Power and crisis


THE farcical situation appears to have gone too far — even for the comfort of the actors. The latest by-elections in Punjab and KP have further exposed the hollowness of the hybrid set-up. Predictably, the ruling PML-N has won almost all the national and provincial assembly seats in the virtually uncontested polls. This does not come as a surprise given the PTI’s boycott of the poll for seats that the party was forced to vacate following the disqualification of its members. After all, those seats were not snatched to be given back. The by-elections have been aptly described as an extension of the electoral manipulation seen in the 2024 general polls.
While the outcome of the by-elections on six National Assembly seats mostly from Punjab will help the PML-N consolidate its strength in parliament and reduce the opposition’s numbers in the House, it will not really change the power equation. The ruling coalition already had a two-thirds majority in parliament after depriving the PTI of reserved seats for women and minorities. The disqualification of some PTI lawmakers after a dubious trial had further reduced the opposition numbers.
The ruling alliance’s manipulated strength will not empower parliament whose credibility remains questionable. The real power remains with unelected forces whose domination has been further boosted through amendments to the Constitution. Parliament has virtually surrendered its powers.
There is now talk of another amendment that may completely alter the federal structure of the state. While the contours of the much-speculated 28th amendment are still under wraps, some ministers have hinted about the restructuring of the powers of the federating units. It is likely that the exercise for the 28th amendment will be expedited now that the by-elections are over. Most probably, like the previous amendments, the full text of the changes will only be made available to lawmakers at the last moment.
Any action through the proposed 28th amendment will further alienate the people.
In fact, any such move will be extremely damaging for the federation as the state already faces serious internal and external challenges. While the hybrid regime is preoccupied with accumulating further powers, the situation in KP and Balochistan is getting out of hand with the escalation of terrorist violence in both provinces. The attack on the FC headquarters in a high-security zone in Peshawar is yet another reminder of the gravity of internal security challenges. The attack claimed by a faction within the TTP shows the capacity of terrorist groups despite kinetic action by the security forces.
Notwithstanding the security forces’ claim of having killed hundreds of militants in intelligence-based operations, the violence hasn’t stopped. The writ of the state is practically non-existent in troubled KP districts. The suicide attack on the FC headquarters in the heart of the provincial capital demonstrates the inability of the security agencies to deal with the growing terrorist threat. This year, which has yet to end, is said to be the deadliest in a decade, having exacted a heavy toll on the security forces.
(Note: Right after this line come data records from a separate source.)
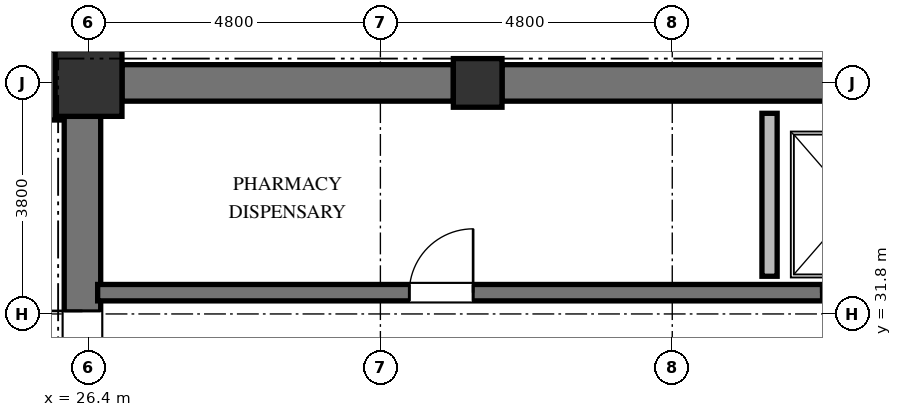
"""IFC4 building model, lengths in metres.
Left out: names, types, materials, properties, quantities, classifications, styles, units other than length and angle.
Written with IfcOpenShell. Run it as: python <this file> out.ifc"""

import sys

from ifc_helpers import new_model, si_unit, direction, frame, frame_2d, origin, origin_2d, place, context, subcontext, project, spatial, rectangle, extrude, element, fill, save


model = new_model("IFC4")
c1 = context("Model", 3, precision=1e-05, world=origin(), true_north=direction((0.0, 1.0)))
c2 = subcontext(c1, "Body", "Model", "MODEL_VIEW")
j1 = project(units=[si_unit("LENGTHUNIT", "METRE"), si_unit("PLANEANGLEUNIT", "RADIAN")], contexts=[c1])
p1 = place(None, origin())
s1 = spatial("IfcSite", under=j1, at=p1, CompositionType="ELEMENT")
p2 = place(p1, origin())
s2 = spatial("IfcBuilding", under=s1, at=p2, CompositionType="ELEMENT")
p3 = place(p2, frame((0.0, 0.0, 198.48)))
s3 = spatial("IfcBuildingStorey", under=s2, at=p3, CompositionType="ELEMENT", Elevation=198.48)
p4 = place(p3, frame((32.8, 35.6, 0.0), z_axis=(0.0, 0.0, 1.0), x_axis=(1.0, 0.0, 0.0)))
e1 = element("IfcColumn", 1, at=p4, inside=s3, PredefinedType="COLUMN", context=c2, shape_type="SweptSolid", body=[
    extrude(rectangle(XDim=0.8, YDim=0.8, at=origin_2d()), origin(), (0.0, 0.0, 1.0), 3.648),
])
p5 = place(p3, frame((26.4, 35.6, 0.0), z_axis=(0.0, 0.0, 1.0), x_axis=(1.0, 0.0, 0.0)))
e2 = element("IfcColumn", 2, at=p5, inside=s3, PredefinedType="COLUMN", context=c2, shape_type="SweptSolid", body=[
    extrude(rectangle(XDim=1.1, YDim=1.1, at=origin_2d()), origin(), (0.0, 0.0, 1.0), 3.648),
])
p6 = place(p3, frame((26.3, 20.95, 0.0), z_axis=(0.0, 0.0, 1.0), x_axis=(0.0, 1.0, 0.0)))
e3 = element("IfcWall", 3, at=p6, inside=s3, PredefinedType="SHEAR", context=c2, shape_type="SweptSolid", body=[
    extrude(rectangle(XDim=14.1, YDim=0.6, at=frame_2d((7.05, 0.0))), origin(), (0.0, 0.0, 1.0), 3.648),
])
p7 = place(p6, frame((6.5, 0.0, 0.0)))
e4 = element("IfcOpeningElement", 4, at=p7, cuts=e3, PredefinedType="OPENING", context=c2, shape_type="SweptSolid", body=[
    extrude(rectangle(XDim=1.2, YDim=2.15, at=frame_2d((0.6, 1.075))), frame((0.0, 0.31, 0.0), z_axis=(0.0, -1.0, 0.0), x_axis=(1.0, 0.0, 0.0)), (0.0, 0.0, 1.0), 0.62),
])
p8 = place(p6, frame((9.6, 0.0, 0.0)))
e5 = element("IfcOpeningElement", 5, at=p8, cuts=e3, PredefinedType="OPENING", context=c2, shape_type="SweptSolid", body=[
    extrude(rectangle(XDim=1.3, YDim=2.2, at=frame_2d((0.65, 1.1))), frame((0.0, 0.31, 0.0), z_axis=(0.0, -1.0, 0.0), x_axis=(1.0, 0.0, 0.0)), (0.0, 0.0, 1.0), 0.62),
])
p9 = place(p6, frame((3.26, 0.0, 0.0)))
e6 = element("IfcOpeningElement", 6, at=p9, cuts=e3, PredefinedType="OPENING", context=c2, shape_type="SweptSolid", body=[
    extrude(rectangle(XDim=1.3, YDim=2.2, at=frame_2d((0.65, 1.1))), frame((0.0, 0.31, 0.0), z_axis=(0.0, -1.0, 0.0), x_axis=(1.0, 0.0, 0.0)), (0.0, 0.0, 1.0), 0.62),
])
p10 = place(p3, frame((26.95, 35.6, 0.0), z_axis=(0.0, 0.0, 1.0), x_axis=(1.0, 0.0, 0.0)))
e7 = element("IfcWall", 7, at=p10, inside=s3, PredefinedType="SHEAR", context=c2, shape_type="SweptSolid", body=[
    extrude(rectangle(XDim=5.45, YDim=0.6, at=frame_2d((2.725, 0.0))), origin(), (0.0, 0.0, 1.0), 3.648),
])
p11 = place(p3, frame((33.2, 35.6, 0.0), z_axis=(0.0, 0.0, 1.0), x_axis=(1.0, 0.0, 0.0)))
e8 = element("IfcWall", 8, at=p11, inside=s3, PredefinedType="SHEAR", context=c2, shape_type="SweptSolid", body=[
    extrude(rectangle(XDim=5.6, YDim=0.6, at=frame_2d((2.8, 0.0))), origin(), (0.0, 0.0, 1.0), 3.648),
])
p12 = place(p3, frame((26.55, 32.15, 0.0), z_axis=(0.0, 0.0, 1.0), x_axis=(1.0, 0.0, 0.0)))
e9 = element("IfcWall", 9, at=p12, inside=s3, PredefinedType="SHEAR", context=c2, shape_type="SweptSolid", body=[
    extrude(rectangle(XDim=16.4, YDim=0.27, at=frame_2d((8.2, 0.0))), origin(), (0.0, 0.0, 1.0), 3.648),
])
p13 = place(p12, frame((5.125, 0.0, 0.0)))
e10 = element("IfcOpeningElement", 10, at=p13, cuts=e9, PredefinedType="OPENING", context=c2, shape_type="SweptSolid", body=[
    extrude(rectangle(XDim=1.05, YDim=2.15, at=frame_2d((0.525, 1.075))), frame((0.0, 0.145, 0.0), z_axis=(0.0, -1.0, 0.0), x_axis=(1.0, 0.0, 0.0)), (0.0, 0.0, 1.0), 0.29),
])
p14 = place(p12, frame((11.9, 0.0, 0.0)))
e11 = element("IfcOpeningElement", 11, at=p14, cuts=e9, PredefinedType="OPENING", context=c2, shape_type="SweptSolid", body=[
    extrude(rectangle(XDim=1.1, YDim=2.2, at=frame_2d((0.55, 1.1))), frame((0.0, 0.145, 0.0), z_axis=(0.0, -1.0, 0.0), x_axis=(1.0, 0.0, 0.0)), (0.0, 0.0, 1.0), 0.29),
])
p15 = place(p12, frame((14.5, 0.0, 0.0)))
e12 = element("IfcOpeningElement", 12, at=p15, cuts=e9, PredefinedType="OPENING", context=c2, shape_type="SweptSolid", body=[
    extrude(rectangle(XDim=1.1, YDim=2.2, at=frame_2d((0.55, 1.1))), frame((0.0, 0.145, 0.0), z_axis=(0.0, -1.0, 0.0), x_axis=(1.0, 0.0, 0.0)), (0.0, 0.0, 1.0), 0.29),
])
p16 = place(p3, frame((37.6, 32.42, 0.0), z_axis=(0.0, 0.0, 1.0), x_axis=(0.0, 1.0, 0.0)))
e13 = element("IfcWall", 13, at=p16, inside=s3, PredefinedType="SOLIDWALL", context=c2, shape_type="SweptSolid", body=[
    extrude(rectangle(XDim=2.68, YDim=0.25, at=frame_2d((1.34, 0.0))), origin(), (0.0, 0.0, 1.0), 3.448),
])
p17 = place(p3, frame((25.83, 36.14, 0.0), z_axis=(0.0, 0.0, 1.0), x_axis=(0.0, -1.0, 0.0)))
e14 = element("IfcWall", 14, at=p17, inside=s3, PredefinedType="PARTITIONING", context=c2, shape_type="SweptSolid", body=[
    extrude(rectangle(XDim=1.15, YDim=0.18, at=frame_2d((0.575, 0.0))), origin(), (0.0, 0.0, 1.0), 3.448),
])
p18 = place(p8, origin())
e15 = element("IfcDoor", 15, at=p18, inside=s3, OperationType="SINGLE_SWING_RIGHT", PredefinedType="DOOR", context=c2, shape_type="SweptSolid", body=[
    extrude(rectangle(XDim=1.3, YDim=2.2, at=frame_2d((0.65, 1.1))), frame((0.0, 0.025, 0.0), z_axis=(0.0, -1.0, 0.0), x_axis=(1.0, 0.0, 0.0)), (0.0, 0.0, 1.0), 0.05),
])
fill(e5, e15)
p19 = place(p13, origin())
e16 = element("IfcDoor", 16, at=p19, inside=s3, OperationType="SINGLE_SWING_RIGHT", PredefinedType="DOOR", context=c2, shape_type="SweptSolid", body=[
    extrude(rectangle(XDim=1.05, YDim=2.15, at=frame_2d((0.525, 1.075))), frame((0.0, 0.025, 0.0), z_axis=(0.0, -1.0, 0.0), x_axis=(1.0, 0.0, 0.0)), (0.0, 0.0, 1.0), 0.05),
])
fill(e10, e16)
p20 = place(p14, origin())
e17 = element("IfcDoor", 17, at=p20, inside=s3, OperationType="SLIDING_TO_LEFT", PredefinedType="DOOR", context=c2, shape_type="SweptSolid", body=[
    extrude(rectangle(XDim=1.1, YDim=2.2, at=frame_2d((0.55, 1.1))), frame((0.0, 0.025, 0.0), z_axis=(0.0, -1.0, 0.0), x_axis=(1.0, 0.0, 0.0)), (0.0, 0.0, 1.0), 0.05),
])
fill(e11, e17)
save(model, sys.argv[1])

One of the reasons for the rising terrorist activities is the breakdown of civil law enforcement because of the constant confrontation between the PTI government in KP and the federal government. The conflict has heightened with Islamabad’s move to push the opposition to the wall. Differences between the KP government and the establishment over military operations in the province are also providing space to the terrorists.
The situation is probably worse in Balochistan where a separatist insurgency has gripped large parts of the province. There has been a marked escalation in terrorist attacks on security personnel and government installations this year despite the government’s claim of the situation being under control. State curbs on democratic and economic rights in the province are cited as a major reason for the alienation of much of the Baloch population, thus providing greater space to the separatists. Stressing on kinetic actions, the state has failed to realise that the Balochistan crisis is directly linked to the denial of democratic rights to the people. The province is in the throes of unrest while the regime is more interested in tightening its control. Any action through the proposed 28th amendment will further alienate the people.
Moreover, the worsening tension on the western frontiers will have a direct bearing on both KP and Balochistan, given their long borders with Afghanistan which serves as the main sanctuary for the terrorists. It is an extremely grave situation for the country and it is the state’s responsibility to unite the people and the federation, rather than alienate citizens through divisive policies and curbs on democratic rights. No country can defend its sovereignty while fighting its own people.
Political instability is not the only issue in the two provinces; the crisis of governance has also exacerbated in recent years. The IMF’s recently released Governance and Corruption Diagnostic Assessment has exposed how poor governance and rampant corruption have stunted the country’s economic growth, and how the lack of transparency, fragmented regulations and political capture are major impediments in the way of economic progress in Pakistan. The lending agency has also called for the military-backed SIFC to develop “enhanced transparency arrangements”. The review has come at a time when the regime is trying to further consolidate its control, thus adversely affecting governance.
It is time for the ruling set-up to heed these warning signs and bring the country together allowing the democratic process to advance. The recent constitutional amendments have already worsened the crisis of state.
The writer is an author and journalist.